Rialto Beset With Controversy Over Fire & Police Department Surveillance Of City Council

Panicked paralysis has gripped Rialto City Manager Marcus Fuller and Rialto City Attorney Eric Vail, as they are dealing with a thorny issue involving their political masters and unsuccessful candidates for the city council going back nearly two decades. Central to the matter are blackmail and election-swaying efforts by members of the fire and police departments who were seeking to gain leverage in contract negotiations with the city. It is further alleged that former high ranking city officials were knowledgeable of and perhaps even involved in the extortion and efforts to impact voting in Rialto’s municipal elections.

Fuller and Vail are furiously seeking to bring the matter to a quiet close before it breaks into full-blown scandal. A full public airing of the seamy details of what occurred, Fuller and Vail fear, carries with it a substantial possibility that the city’s taxpayers will take an estimated $25 million to $30 million hit.

At the basis of the contretemps is that Rialto Mayor Pro Tem Ed Scott has filed claims totaling $1.15 million against the city where intermittently over the last quarter of a century he has been a member of the city council for nearly 19 years, including the last seven.

According to one of those claims, Rialto police officers and & firefighters have accessed the State of California’s law enforcement database on multiple occasions to obtain confidential information which was used in an attempt to prevent his election and reelection to office as well as for political purposes in opposing the electoral or re-electoral efforts of other members of the city council.

Additional information gleaned by the Sentinel indicates that others competing for berths upon the Rialto City Council or mayor were similarly subjected to having their profiles and personal information contained in what are supposed to be restricted governmental data bases accessed and used for either political use or to dissuade them from engaging in public advocacy.

The claims made by Scott came in sworn statements lodged with the city.

In Rialto, as is the case with all other cities or governmental entities in California, an individual who has suffered damages as a consequence of the action of the city or its employees, must lodge a claim with that entity before taking legal action in court against the governmental entity. The governing board of the jurisdiction, as in the case of a city its city council, can then acknowledge the claim as valid and pay either the claimed amount of damages or a negotiated amount to settle the claim and avoid a lawsuit. Once a claim is rejected, the claimant has six months to file a lawsuit against the city. In the vast majority of cases, claims against cities are rejected, and in the vast majority of the cases where rejections are made, the claimants do not follow up with a lawsuit.

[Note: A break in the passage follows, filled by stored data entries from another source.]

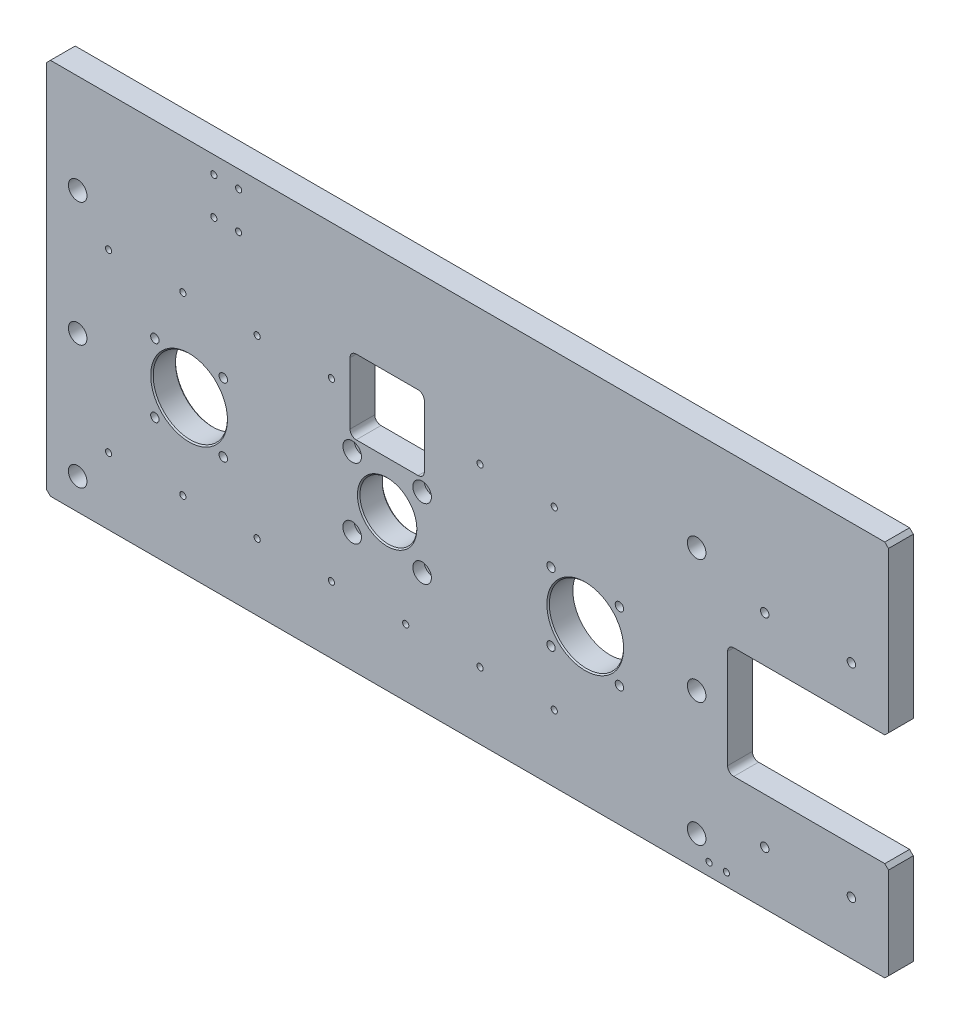
from build123d import *

# Parameters (mm, degrees)
SKETCH1_W             = 60
SKETCH1_H             = 60
BOSS_EXTRUDE1_DEPTH   = 20
FILLET1_R             = 5
CHAMFER1_SIZE         = 3
SKETCH2_R             = 30
SKETCH2_R_2           = 23
CUT_EXTRUDE1_DEPTH    = 20
CHAMFER2_SIZE         = 1
M8_TAPPED_HOLE1_D     = 6.8
M6_TAPPED_HOLE1_D     = 5
M6_TAPPED_HOLE2_D     = 5
M6_TAPPED_HOLE2_DEPTH = 13
M6_TAPPED_HOLE2_TIP   = 1.502151548
M8_TAPPED_HOLE2_D     = 6.8
M6_TAPPED_HOLE3_D     = 5
HOLE1_D               = 9
HOLE1_CBORE_D         = 15
HOLE1_CBORE_DEPTH     = 11
HOLE2_D               = 9
HOLE2_CBORE_D         = 15
HOLE2_CBORE_DEPTH     = 9


with BuildPart() as part:
    # Sketch1 → Boss-Extrude1 (new body)
    with BuildSketch(Plane.XY):
        Polygon((421.759394592, -47.943047911), (421.759394592, -127.943047911), (-258.240605408, -127.943047911), (-258.240605408, 177.056952089), (421.759394592, 177.056952089), (421.759394592, 42.056952089), (291.759394592, 42.056952089), (291.759394592, -47.943047911), align=None)
        with Locations((16.759394592, 65.056952089)):
            Rectangle(SKETCH1_W, SKETCH1_H, mode=Mode.SUBTRACT)
    extrude(amount=BOSS_EXTRUDE1_DEPTH)

    # Fillet1
    fillet1_edges = [part.edges().sort_by_distance(p)[0] for p in [
        (291.759394592, 42.056952089, 10),
        (291.759394592, -47.943047911, 10),
        (-13.240605408, 95.056952089, 10),
        (-13.240605408, 35.056952089, 10),
        (46.759394592, 35.056952089, 10),
        (46.759394592, 95.056952089, 10),
    ]]
    fillet(fillet1_edges, radius=FILLET1_R)

    # Chamfer1
    chamfer1_edges = [part.edges().sort_by_distance(p)[0] for p in [
        (-258.240605408, 177.056952089, 10),
        (421.759394592, 177.056952089, 10),
        (421.759394592, 42.056952089, 10),
        (421.759394592, -47.943047911, 10),
        (421.759394592, -127.943047911, 10),
        (-258.240605408, -127.943047911, 10),
    ]]
    chamfer(chamfer1_edges, length=CHAMFER1_SIZE)

    # Sketch2 → Cut-Extrude1 (cut)
    with BuildSketch(Plane.XY.offset(20)):
        with Locations((-143.240605408, -2.943047911)):
            Circle(SKETCH2_R)
        with Locations((16.759394592, -2.943047911)):
            Circle(SKETCH2_R_2)
        with Locations((176.759394592, -2.943047911)):
            Circle(SKETCH2_R)
    extrude(amount=-CUT_EXTRUDE1_DEPTH, mode=Mode.SUBTRACT)

    # Chamfer2
    chamfer2_edges = [part.edges().sort_by_distance(p)[0] for p in [
        (-173.240605408, -2.943047911, 0),
        (-173.240605408, -2.943047911, 20),
        (-6.240605408, -2.943047911, 0),
        (-6.240605408, -2.943047911, 20),
        (146.759394592, -2.943047911, 20),
    ]]
    chamfer(chamfer2_edges, length=CHAMFER2_SIZE)

    # M8 Tapped Hole1 (through all)
    with Locations(Plane.XY.offset(20)):
        with Locations((321.759394592, 79.056952089), (391.759394592, 79.056952089), (391.759394592, -84.943047911), (321.759394592, -84.943047911)):
            Hole(M8_TAPPED_HOLE1_D / 2)

    # M6 Tapped Hole1 (through all)
    with Locations(Plane.XY.offset(20)):
        with Locations((276.759394592, -117.943047911), (290.759394592, -117.943047911)):
            Hole(M6_TAPPED_HOLE1_D / 2)

    # M6 Tapped Hole2
    with Locations(Plane.XY.offset(20)):
        with Locations((-208.240605408, 68.056952089), (-208.240605408, -73.943047911), (-148.240605408, -73.943047911), (-88.240605408, -73.943047911), (-88.240605408, 68.056952089), (-148.240605408, 68.056952089), (-28.240605408, 68.056952089), (-28.240605408, -73.943047911), (31.759394592, -73.943047911), (91.759394592, -73.943047911), (151.759394592, -73.943047911), (151.759394592, 68.056952089), (91.759394592, 68.056952089)):
            Hole(M6_TAPPED_HOLE2_D / 2, depth=M6_TAPPED_HOLE2_DEPTH)
            with Locations((0, 0, -(M6_TAPPED_HOLE2_DEPTH + M6_TAPPED_HOLE2_TIP / 2))):  # 118° drill point
                Cone(0, M6_TAPPED_HOLE2_D / 2, M6_TAPPED_HOLE2_TIP, mode=Mode.SUBTRACT)

    # M8 Tapped Hole2 (through all)
    with Locations(Plane.XY.offset(20)):
        with Locations((-170.871260926, 24.687607606), (-170.871260926, -30.573703429), (-115.609949891, -30.573703429), (-115.609949891, 24.687607606), (149.128739074, 24.687607606), (204.390050109, 24.687607606), (204.390050109, -30.573703429), (149.128739074, -30.573703429)):
            Hole(M8_TAPPED_HOLE2_D / 2)

    # M6 Tapped Hole3 (through all)
    with Locations(Plane.XY.offset(20)):
        with Locations((-123.240605408, 163.056952089), (-103.240605408, 163.056952089), (-103.240605408, 133.056952089), (-123.240605408, 133.056952089)):
            Hole(M6_TAPPED_HOLE3_D / 2)

    # Hole1 (through all)
    with Locations(Plane.XY.offset(20)):
        with Locations((-233.240605408, 97.056952089), (-233.240605408, -2.943047911), (-233.240605408, -102.943047911), (266.759394592, 97.056952089), (266.759394592, -102.943047911), (266.759394592, -2.943047911)):
            CounterBoreHole(HOLE1_D / 2, HOLE1_CBORE_D / 2, HOLE1_CBORE_DEPTH)

    # Hole2 (through all)
    with Locations(Plane.XY.offset(20)):
        with Locations((-11.490605408, 25.306952089), (45.009394592, 25.306952089), (45.009394592, -31.193047911), (-11.490605408, -31.193047911)):
            CounterBoreHole(HOLE2_D / 2, HOLE2_CBORE_D / 2, HOLE2_CBORE_DEPTH)


solid = part.part

In the case of the claims filed by Scott, one of which pertained to the city’s issuance of a permit for what Scott maintains was botched work on an electrical connection on property he owns in the city unrelated to the police department and fire department personnel accessing information pertaining to him in the California Law Enforcement Telecommunications System, the city council acknowledged receipt of the claims but neither accepted nor rejected them. Instead, the claims have been passed along to Vail, the city’s interim city attorney who has been serving in that capacity since the departure of Fred Galante as city attorney in March 2020.

According to the claim, “On February 16, 2021 I made a verbal complaint to Rialto Police Chief Mark Kling that I had been informed that a confidential informant, a whistle blower who is a current employee of the City of Rialto, had been told by a member of the Rialto Fire Department that he had been involved in investigating myself to determine my residency

and property I owned in Kernville, California and other information related to my personal life and background. In addition, I informed Sean Greyson, acting city manager and fire chief, that such an allegation had been made about the Rialto Fire Department.”